The High Court judgment went through a checklist: Mr Mosley was inspected for lice by one of the hired women, commands were barked out in German, prison uniforms were worn. Each scene was viewed by the British judge as part of sexual roleplay and therefore not as a mockery of Holocaust victims. But the German lawyers will try to challenge this view.
The case is likely to be spectacular not just because of the freedom of press and privacy issues but because it is likely to give renewed publicity to the shadowy world of Nazi insignia.

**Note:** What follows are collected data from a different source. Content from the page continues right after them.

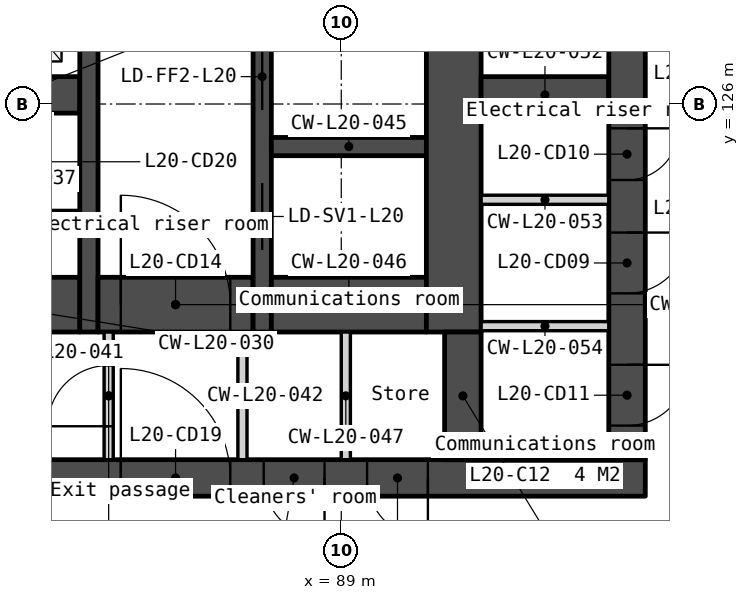
"""IFC4 building model, lengths in metres.
Left out: names, types, materials, properties, quantities, classifications, styles, units other than length and angle.
Written with IfcOpenShell. Run it as: python <this file> out.ifc"""

import sys

from ifc_helpers import new_model, si_unit, direction, frame, frame_2d, origin, place, context, subcontext, project, spatial, polyline, rectangle, outline, extrude, element, fill, save


model = new_model("IFC4")
c1 = context("Model", 3, precision=1e-05, world=origin(), true_north=direction((0.0, 1.0)))
c2 = subcontext(c1, "Body", "Model", "MODEL_VIEW")
j1 = project(units=[si_unit("LENGTHUNIT", "METRE"), si_unit("PLANEANGLEUNIT", "RADIAN")], contexts=[c1])
p1 = place(None, origin())
s1 = spatial("IfcSite", under=j1, at=p1, CompositionType="ELEMENT")
p2 = place(p1, origin())
s2 = spatial("IfcBuilding", under=s1, at=p2, CompositionType="ELEMENT")
p3 = place(p2, frame((0.0, 0.0, 85.3)))
s3 = spatial("IfcBuildingStorey", under=s2, at=p3, CompositionType="ELEMENT", Elevation=85.3)
p4 = place(p3, frame((66.0, 119.85, 0.0), z_axis=(0.0, 0.0, 1.0), x_axis=(1.0, 0.0, 0.0)))
e1 = element("IfcWall", 1, at=p4, inside=s3, PredefinedType="SOLIDWALL", context=c2, shape_type="SweptSolid", body=[
    extrude(rectangle(XDim=28.0, YDim=0.6, at=frame_2d((14.0, 0.0))), origin(), (0.0, 0.0, 1.0), 3.35),
])
p5 = place(p4, frame((6.825, 0.0, 0.0)))
e2 = element("IfcOpeningElement", 2, at=p5, cuts=e1, PredefinedType="OPENING", context=c2, shape_type="SweptSolid", body=[
    extrude(rectangle(XDim=1.8, YDim=2.1, at=frame_2d((0.9, 1.05))), frame((0.0, 0.31, 0.0), z_axis=(0.0, -1.0, 0.0), x_axis=(1.0, 0.0, 0.0)), (0.0, 0.0, 1.0), 0.62),
])
p6 = place(p4, frame((15.85, 0.0, 0.0)))
e3 = element("IfcOpeningElement", 3, at=p6, cuts=e1, PredefinedType="OPENING", context=c2, shape_type="SweptSolid", body=[
    extrude(rectangle(XDim=1.5, YDim=2.1, at=frame_2d((0.75, 1.05))), frame((0.0, 0.31, 0.0), z_axis=(0.0, -1.0, 0.0), x_axis=(1.0, 0.0, 0.0)), (0.0, 0.0, 1.0), 0.62),
])
p7 = place(p4, frame((19.375, 0.0, 0.0)))
e4 = element("IfcOpeningElement", 4, at=p7, cuts=e1, PredefinedType="OPENING", context=c2, shape_type="SweptSolid", body=[
    extrude(rectangle(XDim=1.8, YDim=2.1, at=frame_2d((0.9, 1.05))), frame((0.0, 0.31, 0.0), z_axis=(0.0, -1.0, 0.0), x_axis=(1.0, 0.0, 0.0)), (0.0, 0.0, 1.0), 0.62),
])
p8 = place(p4, frame((4.425, 0.0, 0.0)))
e5 = element("IfcOpeningElement", 5, at=p8, cuts=e1, PredefinedType="OPENING", context=c2, shape_type="SweptSolid", body=[
    extrude(rectangle(XDim=1.0, YDim=2.1, at=frame_2d((0.5, 1.05))), frame((0.0, 0.31, 0.0), z_axis=(0.0, -1.0, 0.0), x_axis=(1.0, 0.0, 0.0)), (0.0, 0.0, 1.0), 0.62),
])
p9 = place(p4, frame((9.783, 0.0, 0.0)))
e6 = element("IfcOpeningElement", 6, at=p9, cuts=e1, PredefinedType="OPENING", context=c2, shape_type="SweptSolid", body=[
    extrude(rectangle(XDim=1.0, YDim=2.1, at=frame_2d((0.5, 1.05))), frame((0.0, 0.31, 0.0), z_axis=(0.0, -1.0, 0.0), x_axis=(1.0, 0.0, 0.0)), (0.0, 0.0, 1.0), 0.62),
])
p10 = place(p4, frame((11.525, 0.0, 0.0)))
e7 = element("IfcOpeningElement", 7, at=p10, cuts=e1, PredefinedType="OPENING", context=c2, shape_type="SweptSolid", body=[
    extrude(rectangle(XDim=1.0, YDim=2.1, at=frame_2d((0.5, 1.05))), frame((0.0, 0.31, 0.0), z_axis=(0.0, -1.0, 0.0), x_axis=(1.0, 0.0, 0.0)), (0.0, 0.0, 1.0), 0.62),
])
p11 = place(p4, frame((13.658, 0.0, 0.0)))
e8 = element("IfcOpeningElement", 8, at=p11, cuts=e1, PredefinedType="OPENING", context=c2, shape_type="SweptSolid", body=[
    extrude(rectangle(XDim=1.0, YDim=2.1, at=frame_2d((0.5, 1.05))), frame((0.0, 0.31, 0.0), z_axis=(0.0, -1.0, 0.0), x_axis=(1.0, 0.0, 0.0)), (0.0, 0.0, 1.0), 0.62),
])
p12 = place(p4, frame((21.725, 0.0, 0.0)))
e9 = element("IfcOpeningElement", 9, at=p12, cuts=e1, PredefinedType="OPENING", context=c2, shape_type="SweptSolid", body=[
    extrude(rectangle(XDim=1.0, YDim=2.1, at=frame_2d((0.5, 1.05))), frame((0.0, 0.31, 0.0), z_axis=(0.0, -1.0, 0.0), x_axis=(1.0, 0.0, 0.0)), (0.0, 0.0, 1.0), 0.62),
])
p13 = place(p4, frame((23.425, 0.0, 0.0)))
e10 = element("IfcOpeningElement", 10, at=p13, cuts=e1, PredefinedType="OPENING", context=c2, shape_type="SweptSolid", body=[
    extrude(rectangle(XDim=1.0, YDim=2.1, at=frame_2d((0.5, 1.05))), frame((0.0, 0.31, 0.0), z_axis=(0.0, -1.0, 0.0), x_axis=(1.0, 0.0, 0.0)), (0.0, 0.0, 1.0), 0.62),
])
p14 = place(p3, frame((81.8, 122.7, 0.0), z_axis=(0.0, 0.0, 1.0), x_axis=(1.0, 0.0, 0.0)))
e11 = element("IfcWall", 11, at=p14, inside=s3, PredefinedType="SOLIDWALL", context=c2, shape_type="SweptSolid", body=[
    extrude(rectangle(XDim=2.9, YDim=0.9, at=frame_2d((1.45, 0.0))), origin(), (0.0, 0.0, 1.0), 3.35),
])
p15 = place(p14, frame((0.05, 0.0, 0.0)))
e12 = element("IfcOpeningElement", 12, at=p15, cuts=e11, PredefinedType="OPENING", context=c2, shape_type="SweptSolid", body=[
    extrude(rectangle(XDim=1.5, YDim=2.1, at=frame_2d((0.75, 1.05))), frame((0.0, 0.46, 0.0), z_axis=(0.0, -1.0, 0.0), x_axis=(1.0, 0.0, 0.0)), (0.0, 0.0, 1.0), 0.92),
])
p16 = place(p3, frame((82.6, 126.15, 0.0), z_axis=(0.0, 0.0, 1.0), x_axis=(1.0, 0.0, 0.0)))
e13 = element("IfcWall", 13, at=p16, inside=s3, PredefinedType="SOLIDWALL", context=c2, shape_type="SweptSolid", body=[
    extrude(rectangle(XDim=2.1, YDim=0.6, at=frame_2d((1.05, 0.0))), origin(), (0.0, 0.0, 1.0), 3.35),
])
p17 = place(p3, frame((83.35, 124.175, 0.0), z_axis=(0.0, 0.0, 1.0), x_axis=(1.0, 0.0, 0.0)))
e14 = element("IfcWall", 14, at=p17, inside=s3, PredefinedType="PARTITIONING", context=c2, shape_type="SweptSolid", body=[
    extrude(rectangle(XDim=1.35, YDim=0.15, at=frame_2d((0.675, 0.0))), origin(), (0.0, 0.0, 1.0), 3.35),
])
p18 = place(p3, frame((84.85, 133.95, 0.0), z_axis=(0.0, 0.0, 1.0), x_axis=(0.0, -1.0, 0.0)))
e15 = element("IfcWall", 15, at=p18, inside=s3, PredefinedType="SOLIDWALL", context=c2, shape_type="SweptSolid", body=[
    extrude(rectangle(XDim=11.7, YDim=0.3, at=frame_2d((5.85, 0.0))), origin(), (0.0, 0.0, 1.0), 3.35),
])
p19 = place(p3, frame((85.0, 122.7, 0.0), z_axis=(0.0, 0.0, 1.0), x_axis=(1.0, 0.0, 0.0)))
e16 = element("IfcWall", 16, at=p19, inside=s3, PredefinedType="SOLIDWALL", context=c2, shape_type="SweptSolid", body=[
    extrude(rectangle(XDim=2.55, YDim=0.9, at=frame_2d((1.275, 0.0))), origin(), (0.0, 0.0, 1.0), 3.35),
])
p20 = place(p19, frame((0.375, 0.0, 0.0)))
e17 = element("IfcOpeningElement", 17, at=p20, cuts=e16, PredefinedType="OPENING", context=c2, shape_type="SweptSolid", body=[
    extrude(rectangle(XDim=1.8, YDim=2.1, at=frame_2d((0.9, 1.05))), frame((0.0, 0.46, 0.0), z_axis=(0.0, -1.0, 0.0), x_axis=(1.0, 0.0, 0.0)), (0.0, 0.0, 1.0), 0.92),
])
p21 = place(p3, frame((85.175, 122.25, 0.0), z_axis=(0.0, 0.0, 1.0), x_axis=(0.0, -1.0, 0.0)))
e18 = element("IfcWall", 18, at=p21, inside=s3, PredefinedType="PARTITIONING", context=c2, shape_type="SweptSolid", body=[
    extrude(rectangle(XDim=2.1, YDim=0.15, at=frame_2d((1.05, 0.0))), origin(), (0.0, 0.0, 1.0), 3.35),
])
p22 = place(p21, frame((0.55, 0.0, 0.0)))
e19 = element("IfcOpeningElement", 19, at=p22, cuts=e18, PredefinedType="OPENING", context=c2, shape_type="SweptSolid", body=[
    extrude(rectangle(XDim=1.0, YDim=2.1, at=frame_2d((0.5, 1.05))), frame((0.0, 0.085, 0.0), z_axis=(0.0, -1.0, 0.0), x_axis=(1.0, 0.0, 0.0)), (0.0, 0.0, 1.0), 0.17),
])
p23 = place(p3, frame((87.375, 122.25, 0.0), z_axis=(0.0, 0.0, 1.0), x_axis=(0.0, -1.0, 0.0)))
e20 = element("IfcWall", 20, at=p23, inside=s3, PredefinedType="PARTITIONING", context=c2, shape_type="SweptSolid", body=[
    extrude(rectangle(XDim=2.1, YDim=0.15, at=frame_2d((1.05, 0.0))), origin(), (0.0, 0.0, 1.0), 3.35),
])
p24 = place(p3, frame((87.7, 133.95, 0.0), z_axis=(0.0, 0.0, 1.0), x_axis=(0.0, -1.0, 0.0)))
e21 = element("IfcWall", 21, at=p24, inside=s3, PredefinedType="SOLIDWALL", context=c2, shape_type="SweptSolid", body=[
    extrude(rectangle(XDim=11.7, YDim=0.3, at=frame_2d((5.85, 0.0))), origin(), (0.0, 0.0, 1.0), 3.35),
])
p25 = place(p24, frame((6.95, 0.0, 0.0)))
e22 = element("IfcOpeningElement", 22, at=p25, cuts=e21, PredefinedType="OPENING", context=c2, shape_type="SweptSolid", body=[
    extrude(rectangle(XDim=1.1, YDim=2.1, at=frame_2d((0.55, 1.05))), frame((0.0, 0.16, 0.0), z_axis=(0.0, -1.0, 0.0), x_axis=(1.0, 0.0, 0.0)), (0.0, 0.0, 1.0), 0.32),
])
p26 = place(p24, frame((5.1, 0.0, 0.0)))
e23 = element("IfcOpeningElement", 23, at=p26, cuts=e21, PredefinedType="OPENING", context=c2, shape_type="SweptSolid", body=[
    extrude(rectangle(XDim=1.0, YDim=2.1, at=frame_2d((0.5, 1.05))), frame((0.0, 0.16, 0.0), z_axis=(0.0, -1.0, 0.0), x_axis=(1.0, 0.0, 0.0)), (0.0, 0.0, 1.0), 0.32),
])
p27 = place(p24, frame((9.25, 0.0, 0.0)))
e24 = element("IfcOpeningElement", 24, at=p27, cuts=e21, PredefinedType="OPENING", context=c2, shape_type="SweptSolid", body=[
    extrude(rectangle(XDim=1.1, YDim=2.1, at=frame_2d((0.55, 1.05))), frame((0.0, 0.16, 0.0), z_axis=(0.0, -1.0, 0.0), x_axis=(1.0, 0.0, 0.0)), (0.0, 0.0, 1.0), 0.32),
])
p28 = place(p3, frame((87.85, 125.3, 0.0), z_axis=(0.0, 0.0, 1.0), x_axis=(1.0, 0.0, 0.0)))
e25 = element("IfcWall", 25, at=p28, inside=s3, PredefinedType="SOLIDWALL", context=c2, shape_type="SweptSolid", body=[
    extrude(rectangle(XDim=2.55, YDim=0.3, at=frame_2d((1.275, 0.0))), origin(), (0.0, 0.0, 1.0), 3.35),
])
p29 = place(p3, frame((87.85, 122.7, 0.0), z_axis=(0.0, 0.0, 1.0), x_axis=(1.0, 0.0, 0.0)))
e26 = element("IfcWall", 26, at=p29, inside=s3, PredefinedType="SOLIDWALL", context=c2, shape_type="SweptSolid", body=[
    extrude(rectangle(XDim=2.55, YDim=0.9, at=frame_2d((1.275, 0.0))), origin(), (0.0, 0.0, 1.0), 3.35),
])
p30 = place(p3, frame((89.075, 122.25, 0.0), z_axis=(0.0, 0.0, 1.0), x_axis=(0.0, -1.0, 0.0)))
e27 = element("IfcWall", 27, at=p30, inside=s3, PredefinedType="PARTITIONING", context=c2, shape_type="SweptSolid", body=[
    extrude(rectangle(XDim=2.1, YDim=0.15, at=frame_2d((1.05, 0.0))), origin(), (0.0, 0.0, 1.0), 3.35),
])
p31 = place(p3, frame((90.85, 133.95, 0.0), z_axis=(0.0, 0.0, 1.0), x_axis=(0.0, -1.0, 0.0)))
e28 = element("IfcWall", 28, at=p31, inside=s3, PredefinedType="SOLIDWALL", context=c2, shape_type="SweptSolid", body=[
    extrude(rectangle(XDim=11.7, YDim=0.9, at=frame_2d((5.85, 0.0))), origin(), (0.0, 0.0, 1.0), 3.35),
])
p32 = place(p3, frame((91.0, 122.25, 0.0), z_axis=(0.0, 0.0, 1.0), x_axis=(0.0, -1.0, 0.0)))
e29 = element("IfcWall", 29, at=p32, inside=s3, PredefinedType="SOLIDWALL", context=c2, shape_type="SweptSolid", body=[
    extrude(rectangle(XDim=2.1, YDim=0.6, at=frame_2d((1.05, 0.0))), origin(), (0.0, 0.0, 1.0), 3.35),
])
p33 = place(p3, frame((91.3, 126.15, 0.0), z_axis=(0.0, 0.0, 1.0), x_axis=(1.0, 0.0, 0.0)))
e30 = element("IfcWall", 30, at=p33, inside=s3, PredefinedType="SOLIDWALL", context=c2, shape_type="SweptSolid", body=[
    extrude(rectangle(XDim=2.1, YDim=0.6, at=frame_2d((1.05, 0.0))), origin(), (0.0, 0.0, 1.0), 3.35),
])
for number, where, z_axis, x_axis in (
    (31, (91.3, 124.425, 0.0), (0.0, 0.0, 1.0), (1.0, 0.0, 0.0)),
    (32, (91.3, 122.346, 0.0), (0.0, 0.0, 1.0), (1.0, 0.0, 0.0)),
):
    element("IfcWall", number, at=place(p3, frame(where, z_axis=z_axis, x_axis=x_axis)), inside=s3, PredefinedType="PARTITIONING", context=c2, shape_type="SweptSolid", body=[
        extrude(rectangle(XDim=2.1, YDim=0.15, at=frame_2d((1.05, 0.0))), origin(), (0.0, 0.0, 1.0), 3.35),
    ])
p34 = place(p3, frame((93.7, 133.95, 0.0), z_axis=(0.0, 0.0, 1.0), x_axis=(0.0, -1.0, 0.0)))
e33 = element("IfcWall", 33, at=p34, inside=s3, PredefinedType="SOLIDWALL", context=c2, shape_type="SweptSolid", body=[
    extrude(rectangle(XDim=13.8, YDim=0.6, at=frame_2d((6.9, 0.0))), origin(), (0.0, 0.0, 1.0), 3.35),
])
p35 = place(p34, frame((0.6, 0.0, 0.0)))
e34 = element("IfcOpeningElement", 34, at=p35, cuts=e33, PredefinedType="OPENING", context=c2, shape_type="SweptSolid", body=[
    extrude(rectangle(XDim=1.1, YDim=2.1, at=frame_2d((0.55, 1.05))), frame((0.0, 0.31, 0.0), z_axis=(0.0, -1.0, 0.0), x_axis=(1.0, 0.0, 0.0)), (0.0, 0.0, 1.0), 0.62),
])
p36 = place(p34, frame((10.064, 0.0, 0.0)))
e35 = element("IfcOpeningElement", 35, at=p36, cuts=e33, PredefinedType="OPENING", context=c2, shape_type="SweptSolid", body=[
    extrude(rectangle(XDim=1.0, YDim=2.1, at=frame_2d((0.5, 1.05))), frame((0.0, 0.31, 0.0), z_axis=(0.0, -1.0, 0.0), x_axis=(1.0, 0.0, 0.0)), (0.0, 0.0, 1.0), 0.62),
])
p37 = place(p34, frame((8.35, 0.0, 0.0)))
e36 = element("IfcOpeningElement", 36, at=p37, cuts=e33, PredefinedType="OPENING", context=c2, shape_type="SweptSolid", body=[
    extrude(rectangle(XDim=0.85, YDim=2.1, at=frame_2d((0.425, 1.05))), frame((0.0, 0.31, 0.0), z_axis=(0.0, -1.0, 0.0), x_axis=(1.0, 0.0, 0.0)), (0.0, 0.0, 1.0), 0.62),
])
p38 = place(p34, frame((12.239, 0.0, 0.0)))
e37 = element("IfcOpeningElement", 37, at=p38, cuts=e33, PredefinedType="OPENING", context=c2, shape_type="SweptSolid", body=[
    extrude(rectangle(XDim=1.0, YDim=2.1, at=frame_2d((0.5, 1.05))), frame((0.0, 0.31, 0.0), z_axis=(0.0, -1.0, 0.0), x_axis=(1.0, 0.0, 0.0)), (0.0, 0.0, 1.0), 0.62),
])
p39 = place(p3, frame((82.605, 93.333, -0.15), z_axis=(0.0, 0.0, 1.0), x_axis=(0.500000478905, 0.866025127289, 0.0)))
e38 = element("IfcWall", 38, at=p39, inside=s3, PredefinedType="SOLIDWALL", context=c2, shape_type="SweptSolid", body=[
    extrude(outline(polyline([(42.643, 0.0), (42.643, 3.5), (0.0, 3.5), (0.0, 0.0), (42.643, 0.0)])), frame((0.0, 0.225, 0.0), z_axis=(0.0, -1.0, 0.0), x_axis=(1.0, 0.0, 0.0)), (0.0, 0.0, 1.0), 0.45),
])
p40 = place(p39, frame((7.079, 0.0, 1.05)))
e39 = element("IfcOpeningElement", 39, at=p40, cuts=e38, PredefinedType="OPENING", context=c2, shape_type="SweptSolid", body=[
    extrude(rectangle(XDim=1.2, YDim=1.5, at=frame_2d((0.6, 0.75))), frame((0.0, 0.235, 0.0), z_axis=(0.0, -1.0, 0.0), x_axis=(1.0, 0.0, 0.0)), (0.0, 0.0, 1.0), 0.47),
])
p41 = place(p39, frame((8.779, 0.0, 1.05)))
e40 = element("IfcOpeningElement", 40, at=p41, cuts=e38, PredefinedType="OPENING", context=c2, shape_type="SweptSolid", body=[
    extrude(rectangle(XDim=1.2, YDim=1.5, at=frame_2d((0.6, 0.75))), frame((0.0, 0.235, 0.0), z_axis=(0.0, -1.0, 0.0), x_axis=(1.0, 0.0, 0.0)), (0.0, 0.0, 1.0), 0.47),
])
p42 = place(p39, frame((15.607, 0.0, 1.05)))
e41 = element("IfcOpeningElement", 41, at=p42, cuts=e38, PredefinedType="OPENING", context=c2, shape_type="SweptSolid", body=[
    extrude(rectangle(XDim=1.2, YDim=1.5, at=frame_2d((0.6, 0.75))), frame((0.0, 0.235, 0.0), z_axis=(0.0, -1.0, 0.0), x_axis=(1.0, 0.0, 0.0)), (0.0, 0.0, 1.0), 0.47),
])
p43 = place(p39, frame((17.307, 0.0, 1.05)))
e42 = element("IfcOpeningElement", 42, at=p43, cuts=e38, PredefinedType="OPENING", context=c2, shape_type="SweptSolid", body=[
    extrude(rectangle(XDim=1.2, YDim=1.5, at=frame_2d((0.6, 0.75))), frame((0.0, 0.235, 0.0), z_axis=(0.0, -1.0, 0.0), x_axis=(1.0, 0.0, 0.0)), (0.0, 0.0, 1.0), 0.47),
])
p44 = place(p39, frame((24.136, 0.0, 1.05)))
e43 = element("IfcOpeningElement", 43, at=p44, cuts=e38, PredefinedType="OPENING", context=c2, shape_type="SweptSolid", body=[
    extrude(rectangle(XDim=1.2, YDim=1.5, at=frame_2d((0.6, 0.75))), frame((0.0, 0.235, 0.0), z_axis=(0.0, -1.0, 0.0), x_axis=(1.0, 0.0, 0.0)), (0.0, 0.0, 1.0), 0.47),
])
p45 = place(p39, frame((25.836, 0.0, 1.05)))
e44 = element("IfcOpeningElement", 44, at=p45, cuts=e38, PredefinedType="OPENING", context=c2, shape_type="SweptSolid", body=[
    extrude(rectangle(XDim=1.2, YDim=1.5, at=frame_2d((0.6, 0.75))), frame((0.0, 0.235, 0.0), z_axis=(0.0, -1.0, 0.0), x_axis=(1.0, 0.0, 0.0)), (0.0, 0.0, 1.0), 0.47),
])
p46 = place(p39, frame((32.665, 0.0, 1.05)))
e45 = element("IfcOpeningElement", 45, at=p46, cuts=e38, PredefinedType="OPENING", context=c2, shape_type="SweptSolid", body=[
    extrude(rectangle(XDim=1.2, YDim=1.5, at=frame_2d((0.6, 0.75))), frame((0.0, 0.235, 0.0), z_axis=(0.0, -1.0, 0.0), x_axis=(1.0, 0.0, 0.0)), (0.0, 0.0, 1.0), 0.47),
])
p47 = place(p39, frame((34.365, 0.0, 1.05)))
e46 = element("IfcOpeningElement", 46, at=p47, cuts=e38, PredefinedType="OPENING", context=c2, shape_type="SweptSolid", body=[
    extrude(rectangle(XDim=1.2, YDim=1.5, at=frame_2d((0.6, 0.75))), frame((0.0, 0.235, 0.0), z_axis=(0.0, -1.0, 0.0), x_axis=(1.0, 0.0, 0.0)), (0.0, 0.0, 1.0), 0.47),
])
p48 = place(p36, origin())
e47 = element("IfcDoor", 47, at=p48, inside=s3, OperationType="SINGLE_SWING_LEFT", PredefinedType="DOOR", context=c2, shape_type="SweptSolid", body=[
    extrude(rectangle(XDim=1.0, YDim=2.1, at=frame_2d((0.5, 1.05))), frame((0.0, 0.025, 0.0), z_axis=(0.0, -1.0, 0.0), x_axis=(1.0, 0.0, 0.0)), (0.0, 0.0, 1.0), 0.05),
])
fill(e35, e47)
p49 = place(p37, origin())
e48 = element("IfcDoor", 48, at=p49, inside=s3, OperationType="SINGLE_SWING_LEFT", PredefinedType="DOOR", context=c2, shape_type="SweptSolid", body=[
    extrude(rectangle(XDim=0.85, YDim=2.1, at=frame_2d((0.425, 1.05))), frame((0.0, 0.025, 0.0), z_axis=(0.0, -1.0, 0.0), x_axis=(1.0, 0.0, 0.0)), (0.0, 0.0, 1.0), 0.05),
])
fill(e36, e48)
p50 = place(p38, origin())
e49 = element("IfcDoor", 49, at=p50, inside=s3, OperationType="SINGLE_SWING_LEFT", PredefinedType="DOOR", context=c2, shape_type="SweptSolid", body=[
    extrude(rectangle(XDim=1.0, YDim=2.1, at=frame_2d((0.5, 1.05))), frame((0.0, 0.025, 0.0), z_axis=(0.0, -1.0, 0.0), x_axis=(1.0, 0.0, 0.0)), (0.0, 0.0, 1.0), 0.05),
])
fill(e37, e49)
p51 = place(p25, origin())
e50 = element("IfcDoor", 50, at=p51, inside=s3, OperationType="SLIDING_TO_LEFT", PredefinedType="DOOR", context=c2, shape_type="SweptSolid", body=[
    extrude(rectangle(XDim=1.1, YDim=2.1, at=frame_2d((0.55, 1.05))), frame((0.0, 0.025, 0.0), z_axis=(0.0, -1.0, 0.0), x_axis=(1.0, 0.0, 0.0)), (0.0, 0.0, 1.0), 0.05),
])
fill(e22, e50)
p52 = place(p20, origin())
e51 = element("IfcDoor", 51, at=p52, inside=s3, OperationType="DOUBLE_DOOR_DOUBLE_SWING", PredefinedType="DOOR", context=c2, shape_type="SweptSolid", body=[
    extrude(rectangle(XDim=1.8, YDim=2.1, at=frame_2d((0.9, 1.05))), frame((0.0, 0.025, 0.0), z_axis=(0.0, -1.0, 0.0), x_axis=(1.0, 0.0, 0.0)), (0.0, 0.0, 1.0), 0.05),
])
fill(e17, e51)
p53 = place(p7, origin())
e52 = element("IfcDoor", 52, at=p53, inside=s3, OperationType="DOUBLE_DOOR_DOUBLE_SWING", PredefinedType="DOOR", context=c2, shape_type="SweptSolid", body=[
    extrude(rectangle(XDim=1.8, YDim=2.1, at=frame_2d((0.9, 1.05))), frame((0.0, 0.025, 0.0), z_axis=(0.0, -1.0, 0.0), x_axis=(1.0, 0.0, 0.0)), (0.0, 0.0, 1.0), 0.05),
])
fill(e4, e52)
p54 = place(p22, origin())
e53 = element("IfcDoor", 53, at=p54, inside=s3, OperationType="SINGLE_SWING_RIGHT", PredefinedType="DOOR", context=c2, shape_type="SweptSolid", body=[
    extrude(rectangle(XDim=1.0, YDim=2.1, at=frame_2d((0.5, 1.05))), frame((0.0, 0.025, 0.0), z_axis=(0.0, -1.0, 0.0), x_axis=(1.0, 0.0, 0.0)), (0.0, 0.0, 1.0), 0.05),
])
fill(e19, e53)
p55 = place(p12, origin())
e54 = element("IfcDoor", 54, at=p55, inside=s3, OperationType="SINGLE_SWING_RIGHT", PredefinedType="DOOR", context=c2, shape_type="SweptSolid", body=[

It is forbidden under German law to display the swastika, other Nazi emblems, to make the Hitler salute or to glorify the Third Reich in any form.
“We know in Germany about the methods used to circumvent the law, how one can play with Holocaust connotations, “ said Mr Hegemann. “Look at the way that rightist skinheads wear paratrooper boots – obviously they are modern, they’re not real wartime supplies, but we know what kind of message the skinhead is trying to convey.”
The court, said Mr Hegemann, thus has to consider the semantics of the Mosley images. For the Mosley camp though, what counts is that there was a grave invasion of privacy rights, which are well guarded in Germany.
“This is about somebody who was secretly filmed having sex in private,” said Tanja Irion, who is representing Mr Mosley in Germany. She is reported to be pressing for damages of €1.5 million (£1.4 million) from Bild and bild.de, €350,000 from the news agency dpa and a further sum from Die Zeit, the Hamburg weekly.